There’s also little in the way of unnecessary introductions to the people Patrick meets, but we invariably gather a lot about them, usually provided with unessential but illuminating details that add much to the flavour of the book. Often you wonder who is who, and find yourself turning back the pages to find out, but even then you can be left wondering.
Natural storyteller
It’s clear that Patrick is always interested in what people have to say, and he reports their thoughts and theories on why birds are declining with a natural storyteller’s skill. We learn, for example, of the impact of muntjac on nightingales, and are reminded that fallow can be just as bad news, too.

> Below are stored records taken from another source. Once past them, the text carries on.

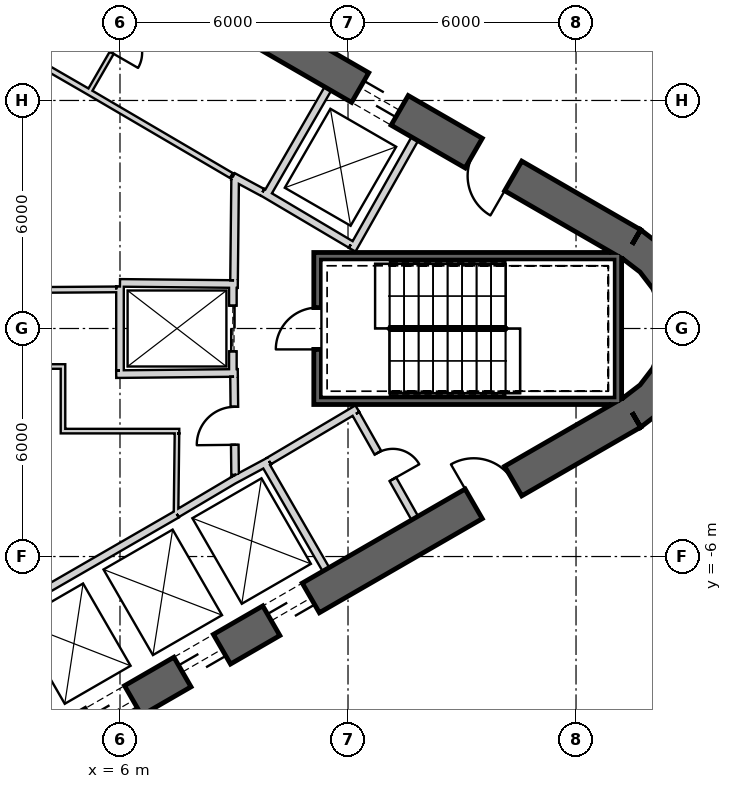
"""IFC4 building model, lengths in metres.
Left out: names, types, materials, properties, quantities, classifications, styles, units other than length and angle.
Written with IfcOpenShell. Run it as: python <this file> out.ifc"""

import sys

from ifc_helpers import new_model, si_unit, direction, frame, frame_2d, origin, place, context, subcontext, project, spatial, polyline, rectangle, outline, extrude, element, fill, save


model = new_model("IFC4")
c1 = context("Model", 3, precision=1e-05, world=origin(), true_north=direction((0.0, 1.0)))
c2 = subcontext(c1, "Body", "Model", "MODEL_VIEW")
j1 = project(units=[si_unit("LENGTHUNIT", "METRE"), si_unit("PLANEANGLEUNIT", "RADIAN")], contexts=[c1])
p1 = place(None, origin())
s1 = spatial("IfcSite", under=j1, at=p1, CompositionType="ELEMENT")
p2 = place(p1, origin())
s2 = spatial("IfcBuilding", under=s1, at=p2, CompositionType="ELEMENT")
p3 = place(p2, frame((0.0, 0.0, 277.2)))
s3 = spatial("IfcBuildingStorey", under=s2, at=p3, CompositionType="ELEMENT", Elevation=277.2)
p4 = place(p3, frame((19.475, 2.208, 0.0), z_axis=(0.0, 0.0, 1.0), x_axis=(-0.866028369851, 0.499994862586, 0.0)))
e1 = element("IfcWall", 1, at=p4, inside=s3, PredefinedType="SHEAR", context=c2, shape_type="SweptSolid", body=[
    extrude(rectangle(XDim=31.523, YDim=0.9, at=frame_2d((15.762, 0.0))), origin(), (0.0, 0.0, 1.0), 6.5),
])
p5 = place(p4, frame((7.062, 0.0, 0.0)))
e2 = element("IfcOpeningElement", 2, at=p5, cuts=e1, PredefinedType="OPENING", context=c2, shape_type="SweptSolid", body=[
    extrude(rectangle(XDim=1.2, YDim=2.4, at=frame_2d((0.6, 1.2))), frame((0.0, 0.46, 0.0), z_axis=(0.0, -1.0, 0.0), x_axis=(1.0, 0.0, 0.0)), (0.0, 0.0, 1.0), 0.92),
])
p6 = place(p4, frame((3.612, 0.0, 0.0)))
e3 = element("IfcOpeningElement", 3, at=p6, cuts=e1, PredefinedType="OPENING", context=c2, shape_type="SweptSolid", body=[
    extrude(rectangle(XDim=1.2, YDim=2.4, at=frame_2d((0.6, 1.2))), frame((0.0, 0.46, 0.0), z_axis=(0.0, -1.0, 0.0), x_axis=(1.0, 0.0, 0.0)), (0.0, 0.0, 1.0), 0.92),
])
p7 = place(p4, frame((26.712, 0.0, 0.0)))
e4 = element("IfcOpeningElement", 4, at=p7, cuts=e1, PredefinedType="OPENING", context=c2, shape_type="SweptSolid", body=[
    extrude(rectangle(XDim=1.2, YDim=2.4, at=frame_2d((0.6, 1.2))), frame((0.0, 0.46, 0.0), z_axis=(0.0, -1.0, 0.0), x_axis=(1.0, 0.0, 0.0)), (0.0, 0.0, 1.0), 0.92),
])
p8 = place(p3, frame((-7.825, -17.97, 0.0), z_axis=(0.0, 0.0, 1.0), x_axis=(0.866028369851, 0.499994862586, 0.0)))
e5 = element("IfcWall", 5, at=p8, inside=s3, PredefinedType="SHEAR", context=c2, shape_type="SweptSolid", body=[
    extrude(rectangle(XDim=31.523, YDim=0.9, at=frame_2d((15.762, 0.0))), origin(), (0.0, 0.0, 1.0), 6.5),
])
p9 = place(p8, frame((7.062, 0.0, 0.0)))
e6 = element("IfcOpeningElement", 6, at=p9, cuts=e5, PredefinedType="OPENING", context=c2, shape_type="SweptSolid", body=[
    extrude(rectangle(XDim=1.2, YDim=2.4, at=frame_2d((0.6, 1.2))), frame((0.0, 0.46, 0.0), z_axis=(0.0, -1.0, 0.0), x_axis=(1.0, 0.0, 0.0)), (0.0, 0.0, 1.0), 0.92),
])
p10 = place(p8, frame((9.762, 0.0, 0.0)))
e7 = element("IfcOpeningElement", 7, at=p10, cuts=e5, PredefinedType="OPENING", context=c2, shape_type="SweptSolid", body=[
    extrude(rectangle(XDim=1.2, YDim=2.4, at=frame_2d((0.6, 1.2))), frame((0.0, 0.46, 0.0), z_axis=(0.0, -1.0, 0.0), x_axis=(1.0, 0.0, 0.0)), (0.0, 0.0, 1.0), 0.92),
])
p11 = place(p8, frame((12.462, 0.0, 0.0)))
e8 = element("IfcOpeningElement", 8, at=p11, cuts=e5, PredefinedType="OPENING", context=c2, shape_type="SweptSolid", body=[
    extrude(rectangle(XDim=1.2, YDim=2.4, at=frame_2d((0.6, 1.2))), frame((0.0, 0.46, 0.0), z_axis=(0.0, -1.0, 0.0), x_axis=(1.0, 0.0, 0.0)), (0.0, 0.0, 1.0), 0.92),
])
p12 = place(p8, frame((15.162, 0.0, 0.0)))
e9 = element("IfcOpeningElement", 9, at=p12, cuts=e5, PredefinedType="OPENING", context=c2, shape_type="SweptSolid", body=[
    extrude(rectangle(XDim=1.2, YDim=2.4, at=frame_2d((0.6, 1.2))), frame((0.0, 0.46, 0.0), z_axis=(0.0, -1.0, 0.0), x_axis=(1.0, 0.0, 0.0)), (0.0, 0.0, 1.0), 0.92),
])
p13 = place(p8, frame((17.862, 0.0, 0.0)))
e10 = element("IfcOpeningElement", 10, at=p13, cuts=e5, PredefinedType="OPENING", context=c2, shape_type="SweptSolid", body=[
    extrude(rectangle(XDim=1.2, YDim=2.4, at=frame_2d((0.6, 1.2))), frame((0.0, 0.46, 0.0), z_axis=(0.0, -1.0, 0.0), x_axis=(1.0, 0.0, 0.0)), (0.0, 0.0, 1.0), 0.92),
])
p14 = place(p8, frame((20.562, 0.0, 0.0)))
e11 = element("IfcOpeningElement", 11, at=p14, cuts=e5, PredefinedType="OPENING", context=c2, shape_type="SweptSolid", body=[
    extrude(rectangle(XDim=1.2, YDim=2.4, at=frame_2d((0.6, 1.2))), frame((0.0, 0.46, 0.0), z_axis=(0.0, -1.0, 0.0), x_axis=(1.0, 0.0, 0.0)), (0.0, 0.0, 1.0), 0.92),
])
p15 = place(p8, frame((26.712, 0.0, 0.0)))
e12 = element("IfcOpeningElement", 12, at=p15, cuts=e5, PredefinedType="OPENING", context=c2, shape_type="SweptSolid", body=[
    extrude(rectangle(XDim=1.2, YDim=2.4, at=frame_2d((0.6, 1.2))), frame((0.0, 0.46, 0.0), z_axis=(0.0, -1.0, 0.0), x_axis=(1.0, 0.0, 0.0)), (0.0, 0.0, 1.0), 0.92),
])
p16 = place(p8, frame((3.612, 0.0, 0.0)))
e13 = element("IfcOpeningElement", 13, at=p16, cuts=e5, PredefinedType="OPENING", context=c2, shape_type="SweptSolid", body=[
    extrude(rectangle(XDim=1.2, YDim=2.4, at=frame_2d((0.6, 1.2))), frame((0.0, 0.46, 0.0), z_axis=(0.0, -1.0, 0.0), x_axis=(1.0, 0.0, 0.0)), (0.0, 0.0, 1.0), 0.92),
])
p17 = place(p3, origin())
e14 = element("IfcWall", 14, at=p17, inside=s3, PredefinedType="SHEAR", context=c2, shape_type="SweptSolid", body=[
    extrude(outline(polyline([(19.7, -2.598), (20.321, -2.121), (20.798, -1.5), (21.098, -0.777), (21.2, 0.0), (21.098, 0.777), (20.798, 1.5), (20.321, 2.121), (19.7, 2.598), (19.25, 1.819), (19.685, 1.485), (20.019, 1.05), (20.229, 0.543), (20.3, 0.0), (20.229, -0.543), (20.019, -1.05), (19.685, -1.485), (19.25, -1.819), (19.7, -2.598)])), origin(), (0.0, 0.0, 1.0), 6.5),
])
p18 = place(p3, frame((9.847, 3.495, 0.0), z_axis=(0.0, 0.0, 1.0), x_axis=(0.499984717929, 0.866034226713, 0.0)))
e15 = element("IfcWall", 15, at=p18, inside=s3, PredefinedType="PLUMBINGWALL", context=c2, shape_type="SweptSolid", body=[
    extrude(rectangle(XDim=3.25, YDim=0.2, at=frame_2d((1.625, 0.0))), origin(), (0.0, 0.0, 1.0), 6.1),
])
p19 = place(p3, frame((12.11, 2.073, 0.0), z_axis=(0.0, 0.0, 1.0), x_axis=(0.49196600604, 0.870614408852, 0.0)))
e16 = element("IfcWall", 16, at=p19, inside=s3, PredefinedType="PLUMBINGWALL", context=c2, shape_type="SweptSolid", body=[
    extrude(rectangle(XDim=3.35, YDim=0.2, at=frame_2d((1.675, 0.0))), origin(), (0.0, 0.0, 1.0), 6.1),
])
p20 = place(p3, frame((12.073, 2.211, 0.0), z_axis=(0.0, 0.0, 1.0), x_axis=(-0.860414880418, 0.509594185166, 0.0)))
e17 = element("IfcWall", 17, at=p20, inside=s3, PredefinedType="PLUMBINGWALL", context=c2, shape_type="SweptSolid", body=[
    extrude(rectangle(XDim=2.7, YDim=0.2, at=frame_2d((1.35, 0.0))), origin(), (0.0, 0.0, 1.0), 6.1),
])
p21 = place(p3, frame((0.483, -8.936, 0.0), z_axis=(0.0, 0.0, 1.0), x_axis=(0.866030989016, 0.499990325971, 0.0)))
e18 = element("IfcWall", 18, at=p21, inside=s3, PredefinedType="PLUMBINGWALL", context=c2, shape_type="SweptSolid", body=[
    extrude(rectangle(XDim=8.1, YDim=0.2, at=frame_2d((4.05, 0.0))), origin(), (0.0, 0.0, 1.0), 6.1),
])
p22 = place(p3, frame((9.795, -3.525, 0.0), z_axis=(0.0, 0.0, 1.0), x_axis=(0.499984717929, -0.866034226713, 0.0)))
e19 = element("IfcWall", 19, at=p22, inside=s3, PredefinedType="PLUMBINGWALL", context=c2, shape_type="SweptSolid", body=[
    extrude(rectangle(XDim=3.25, YDim=0.2, at=frame_2d((1.625, 0.0))), origin(), (0.0, 0.0, 1.0), 6.1),
])
p23 = place(p3, frame((8.974, -3.999, 0.0), z_axis=(0.0, 0.0, 1.0), x_axis=(0.880907015104, 0.473289373154, 0.0)))
e20 = element("IfcWall", 20, at=p23, inside=s3, PredefinedType="PLUMBINGWALL", context=c2, shape_type="SweptSolid", body=[
    extrude(rectangle(XDim=1.078, YDim=0.2, at=frame_2d((0.539, 0.0))), origin(), (0.0, 0.0, 1.0), 6.1),
])
p24 = place(p3, frame((7.493, -4.878, 0.0), z_axis=(0.0, 0.0, 1.0), x_axis=(0.859981807212, 0.510324691999, 0.0)))
e21 = element("IfcWall", 21, at=p24, inside=s3, PredefinedType="PLUMBINGWALL", context=c2, shape_type="SweptSolid", body=[
    extrude(rectangle(XDim=1.845, YDim=0.2, at=frame_2d((0.922, 0.0))), origin(), (0.0, 0.0, 1.0), 6.1),
])
p25 = place(p3, frame((19.2, 1.9, -0.35), z_axis=(0.0, 0.0, 1.0), x_axis=(-1.0, 0.0, 0.0)))
e22 = element("IfcWall", 22, at=p25, inside=s3, PredefinedType="SHEAR", context=c2, shape_type="SweptSolid", body=[
    extrude(rectangle(XDim=8.1, YDim=0.2, at=frame_2d((4.05, 0.0))), origin(), (0.0, 0.0, 1.0), 6.45),
])
p26 = place(p3, frame((19.1, -2.0, -0.35), z_axis=(0.0, 0.0, 1.0), x_axis=(0.0, 1.0, 0.0)))
e23 = element("IfcWall", 23, at=p26, inside=s3, PredefinedType="SHEAR", context=c2, shape_type="SweptSolid", body=[
    extrude(rectangle(XDim=3.8, YDim=0.2, at=frame_2d((1.9, 0.0))), origin(), (0.0, 0.0, 1.0), 6.45),
])
p27 = place(p3, frame((11.1, -1.9, -0.35), z_axis=(0.0, 0.0, 1.0), x_axis=(1.0, 0.0, 0.0)))
e24 = element("IfcWall", 24, at=p27, inside=s3, PredefinedType="SHEAR", context=c2, shape_type="SweptSolid", body=[
    extrude(rectangle(XDim=7.9, YDim=0.2, at=frame_2d((3.95, 0.0))), origin(), (0.0, 0.0, 1.0), 6.45),
])
p28 = place(p3, frame((11.2, -1.8, -0.35), z_axis=(0.0, 0.0, 1.0), x_axis=(0.0, 1.0, 0.0)))
e25 = element("IfcWall", 25, at=p28, inside=s3, PredefinedType="SHEAR", context=c2, shape_type="SweptSolid", body=[
    extrude(rectangle(XDim=3.6, YDim=0.2, at=frame_2d((1.8, 0.0))), origin(), (0.0, 0.0, 1.0), 6.45),
])
p29 = place(p28, frame((1.25, 0.0, 0.35)))
e26 = element("IfcOpeningElement", 26, at=p29, cuts=e25, PredefinedType="OPENING", context=c2, shape_type="SweptSolid", body=[
    extrude(rectangle(XDim=1.1, YDim=2.1, at=frame_2d((0.55, 1.05))), frame((0.0, 0.11, 0.0), z_axis=(0.0, -1.0, 0.0), x_axis=(1.0, 0.0, 0.0)), (0.0, 0.0, 1.0), 0.22),
])
p30 = place(p3, frame((8.97, 1.2, 0.0), z_axis=(0.0, 0.0, 1.0), x_axis=(0.0, -1.0, 0.0)))
e27 = element("IfcWall", 27, at=p30, inside=s3, PredefinedType="PLUMBINGWALL", context=c2, shape_type="SweptSolid", body=[
    extrude(rectangle(XDim=2.4, YDim=0.2, at=frame_2d((1.2, 0.0))), origin(), (0.0, 0.0, 1.0), 6.1),
])
p31 = place(p30, frame((0.6, 0.0, 0.0)))
e28 = element("IfcOpeningElement", 28, at=p31, cuts=e27, PredefinedType="OPENING", context=c2, shape_type="SweptSolid", body=[
    extrude(rectangle(XDim=1.2, YDim=2.4, at=frame_2d((0.6, 1.2))), frame((0.0, 0.11, 0.0), z_axis=(0.0, -1.0, 0.0), x_axis=(1.0, 0.0, 0.0)), (0.0, 0.0, 1.0), 0.22),
])
p32 = place(p3, frame((6.0, 1.2, 0.0), z_axis=(0.0, 0.0, 1.0), x_axis=(0.999949988, -0.010001074852, 0.0)))
e29 = element("IfcWall", 29, at=p32, inside=s3, PredefinedType="PLUMBINGWALL", context=c2, shape_type="SweptSolid", body=[
    extrude(rectangle(XDim=3.1, YDim=0.2, at=frame_2d((1.55, 0.0))), origin(), (0.0, 0.0, 1.0), 6.1),
])
p33 = place(p3, frame((5.9, -1.201, 0.0), z_axis=(0.0, 0.0, 1.0), x_axis=(0.999950064753, 0.009993397809, 0.0)))
e30 = element("IfcWall", 30, at=p33, inside=s3, PredefinedType="PLUMBINGWALL", context=c2, shape_type="SweptSolid", body=[
    extrude(rectangle(XDim=3.2, YDim=0.2, at=frame_2d((1.6, 0.0))), origin(), (0.0, 0.0, 1.0), 6.1),
])
p34 = place(p3, frame((6.0, -1.1, 0.0), z_axis=(0.0, 0.0, 1.0), x_axis=(0.0, 1.0, 0.0)))
e31 = element("IfcWall", 31, at=p34, inside=s3, PredefinedType="PLUMBINGWALL", context=c2, shape_type="SweptSolid", body=[
    extrude(rectangle(XDim=2.205, YDim=0.2, at=frame_2d((1.102, 0.0))), origin(), (0.0, 0.0, 1.0), 6.1),
])
p35 = place(p3, frame((6.795, 9.01, 0.0), z_axis=(0.0, 0.0, 1.0), x_axis=(-0.499984717929, -0.866034226713, 0.0)))
e32 = element("IfcWall", 32, at=p35, inside=s3, PredefinedType="PARTITIONING", context=c2, shape_type="SweptSolid", body=[
    extrude(rectangle(XDim=3.25, YDim=0.12, at=frame_2d((1.625, 0.0))), origin(), (0.0, 0.0, 1.0), 6.1),
])
p36 = place(p35, frame((1.225, 0.0, 0.0)))
e33 = element("IfcOpeningElement", 33, at=p36, cuts=e32, PredefinedType="OPENING", context=c2, shape_type="SweptSolid", body=[
    extrude(rectangle(XDim=0.8, YDim=2.1, at=frame_2d((0.4, 1.05))), frame((0.0, 0.07, 0.0), z_axis=(0.0, -1.0, 0.0), x_axis=(1.0, 0.0, 0.0)), (0.0, 0.0, 1.0), 0.14),
])
p37 = place(p3, frame((8.974, 3.999, 0.0), z_axis=(0.0, 0.0, 1.0), x_axis=(0.880917147855, -0.473270513147, 0.0)))
e34 = element("IfcWall", 34, at=p37, inside=s3, PredefinedType="PARTITIONING", context=c2, shape_type="SweptSolid", body=[
    extrude(rectangle(XDim=0.878, YDim=0.2, at=frame_2d((0.439, 0.0))), origin(), (0.0, 0.0, 1.0), 6.1),
])
p38 = place(p3, frame((8.931, 4.025, 0.0), z_axis=(0.0, 0.0, 1.0), x_axis=(-0.862666884027, 0.505772525157, 0.0)))
e35 = element("IfcWall", 35, at=p38, inside=s3, PredefinedType="PLUMBINGWALL", context=c2, shape_type="SweptSolid", body=[
    extrude(rectangle(XDim=4.372, YDim=0.15, at=frame_2d((2.186, 0.0))), origin(), (0.0, 0.0, 1.0), 6.1),
])
p39 = place(p3, frame((5.159, 6.236, 0.0), z_axis=(0.0, 0.0, 1.0), x_axis=(-0.866028230842, 0.499995103361, 0.0)))
e36 = element("IfcWall", 36, at=p39, inside=s3, PredefinedType="PLUMBINGWALL", context=c2, shape_type="SweptSolid", body=[
    extrude(rectangle(XDim=5.4, YDim=0.15, at=frame_2d((2.7, 0.0))), origin(), (0.0, 0.0, 1.0), 6.1),
])
p40 = place(p39, frame((2.3, 0.0, 0.0)))
e37 = element("IfcOpeningElement", 37, at=p40, cuts=e36, PredefinedType="OPENING", context=c2, shape_type="SweptSolid", body=[
    extrude(rectangle(XDim=0.8, YDim=2.1, at=frame_2d((0.4, 1.05))), frame((0.0, 0.085, 0.0), z_axis=(0.0, -1.0, 0.0), x_axis=(1.0, 0.0, 0.0)), (0.0, 0.0, 1.0), 0.17),
])
p41 = place(p3, frame((12.245, -2.109, 0.0), z_axis=(0.0, 0.0, 1.0), x_axis=(-0.860414880418, -0.509594185166, 0.0)))
e38 = element("IfcWall", 38, at=p41, inside=s3, PredefinedType="PARTITIONING", context=c2, shape_type="SweptSolid", body=[
    extrude(rectangle(XDim=2.7, YDim=0.2, at=frame_2d((1.35, 0.0))), origin(), (0.0, 0.0, 1.0), 6.1),
])
p42 = place(p3, frame((13.758, -4.99, 0.0), z_axis=(0.0, 0.0, 1.0), x_axis=(-0.491993409184, 0.87059892334, 0.0)))
e39 = element("IfcWall", 39, at=p42, inside=s3, PredefinedType="PARTITIONING", context=c2, shape_type="SweptSolid", body=[
    extrude(rectangle(XDim=3.15, YDim=0.2, at=frame_2d((1.575, 0.0))), origin(), (0.0, 0.0, 1.0), 6.1),
])
p43 = place(p42, frame((1.175, 0.0, 0.0)))
e40 = element("IfcOpeningElement", 40, at=p43, cuts=e39, PredefinedType="OPENING", context=c2, shape_type="SweptSolid", body=[
    extrude(rectangle(XDim=0.8, YDim=2.1, at=frame_2d((0.4, 1.05))), frame((0.0, 0.11, 0.0), z_axis=(0.0, -1.0, 0.0), x_axis=(1.0, 0.0, 0.0)), (0.0, 0.0, 1.0), 0.22),
])
p44 = place(p3, frame((9.001, 1.27, 0.0), z_axis=(0.0, 0.0, 1.0), x_axis=(0.01074821465, 0.999942236273, 0.0)))
e41 = element("IfcWall", 41, at=p44, inside=s3, PredefinedType="PARTITIONING", context=c2, shape_type="SweptSolid", body=[
    extrude(rectangle(XDim=2.726, YDim=0.2, at=frame_2d((1.363, 0.0))), origin(), (0.0, 0.0, 1.0), 6.1),
])
p45 = place(p3, frame((9.029, -3.851, 0.0), z_axis=(0.0, 0.0, 1.0), x_axis=(-0.010783593937, 0.99994185536, 0.0)))
e42 = element("IfcWall", 42, at=p45, inside=s3, PredefinedType="PARTITIONING", context=c2, shape_type="SweptSolid", body=[
    extrude(rectangle(XDim=2.581, YDim=0.2, at=frame_2d((1.291, 0.0))), origin(), (0.0, 0.0, 1.0), 6.1),
])
p46 = place(p45, frame((0.791, 0.0, 0.0)))
e43 = element("IfcOpeningElement", 43, at=p46, cuts=e42, PredefinedType="OPENING", context=c2, shape_type="SweptSolid", body=[
    extrude(rectangle(XDim=1.0, YDim=2.1, at=frame_2d((0.5, 1.05))), frame((0.0, 0.11, 0.0), z_axis=(0.0, -1.0, 0.0), x_axis=(1.0, 0.0, 0.0)), (0.0, 0.0, 1.0), 0.22),
])
p47 = place(p3, frame((1.518, 0.999, 0.0), z_axis=(0.0, 0.0, 1.0), x_axis=(0.999976903524, 0.006796500403, 0.0)))
e44 = element("IfcWall", 44, at=p47, inside=s3, PredefinedType="PLUMBINGWALL", context=c2, shape_type="SweptSolid", body=[
    extrude(rectangle(XDim=4.382, YDim=0.15, at=frame_2d((2.191, 0.0))), origin(), (0.0, 0.0, 1.0), 6.1),
])
p48 = place(p47, frame((1.855, 0.0, 0.0)))
e45 = element("IfcOpeningElement", 45, at=p48, cuts=e44, PredefinedType="OPENING", context=c2, shape_type="SweptSolid", body=[
    extrude(rectangle(XDim=0.8, YDim=2.1, at=frame_2d((0.4, 1.05))), frame((0.0, 0.085, 0.0), z_axis=(0.0, -1.0, 0.0), x_axis=(1.0, 0.0, 0.0)), (0.0, 0.0, 1.0), 0.17),
])
p49 = place(p3, frame((4.56, -1.0, 0.0), z_axis=(0.0, 0.0, 1.0), x_axis=(-1.0, 0.0, 0.0)))
e46 = element("IfcWall", 46, at=p49, inside=s3, PredefinedType="PARTITIONING", context=c2, shape_type="SweptSolid", body=[
    extrude(rectangle(XDim=2.896, YDim=0.12, at=frame_2d((1.448, 0.0))), origin(), (0.0, 0.0, 1.0), 6.1),
])
p50 = place(p3, frame((4.5, -2.76, 0.0), z_axis=(0.0, 0.0, 1.0), x_axis=(0.0, 1.0, 0.0)))
e47 = element("IfcWall", 47, at=p50, inside=s3, PredefinedType="PARTITIONING", context=c2, shape_type="SweptSolid", body=[
    extrude(rectangle(XDim=1.7, YDim=0.12, at=frame_2d((0.85, 0.0))), origin(), (0.0, 0.0, 1.0), 6.1),
])
p51 = place(p3, frame((7.56, -2.7, 0.0), z_axis=(0.0, 0.0, 1.0), x_axis=(-1.0, 0.0, 0.0)))
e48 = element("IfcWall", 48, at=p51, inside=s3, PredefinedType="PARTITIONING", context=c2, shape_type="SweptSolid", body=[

There’s mention of the fact that releasing gamebirds in “fragile black grouse habitat such as moorland fringes” may well be a factor in their decline, while according to gamekeeper Frank Snudden, “without snaring it would be 100% over for the grey partridge in England”.
In Search of One Last Song both entertained and educated me, and anybody with an interest in our disappearing countryside will find exactly the same. I’ve been lucky enough to have encountered all the birds in the book, from corncrakes to bitterns; hopefully this eloquent plea for their survival will inspire others to seek them out, too.
There’s one puzzle, though. Why is there no mention on the book’s jacket that Patrick is the editor of Shooting Times? That’s a major factor that makes this book all the more significant and praiseworthy.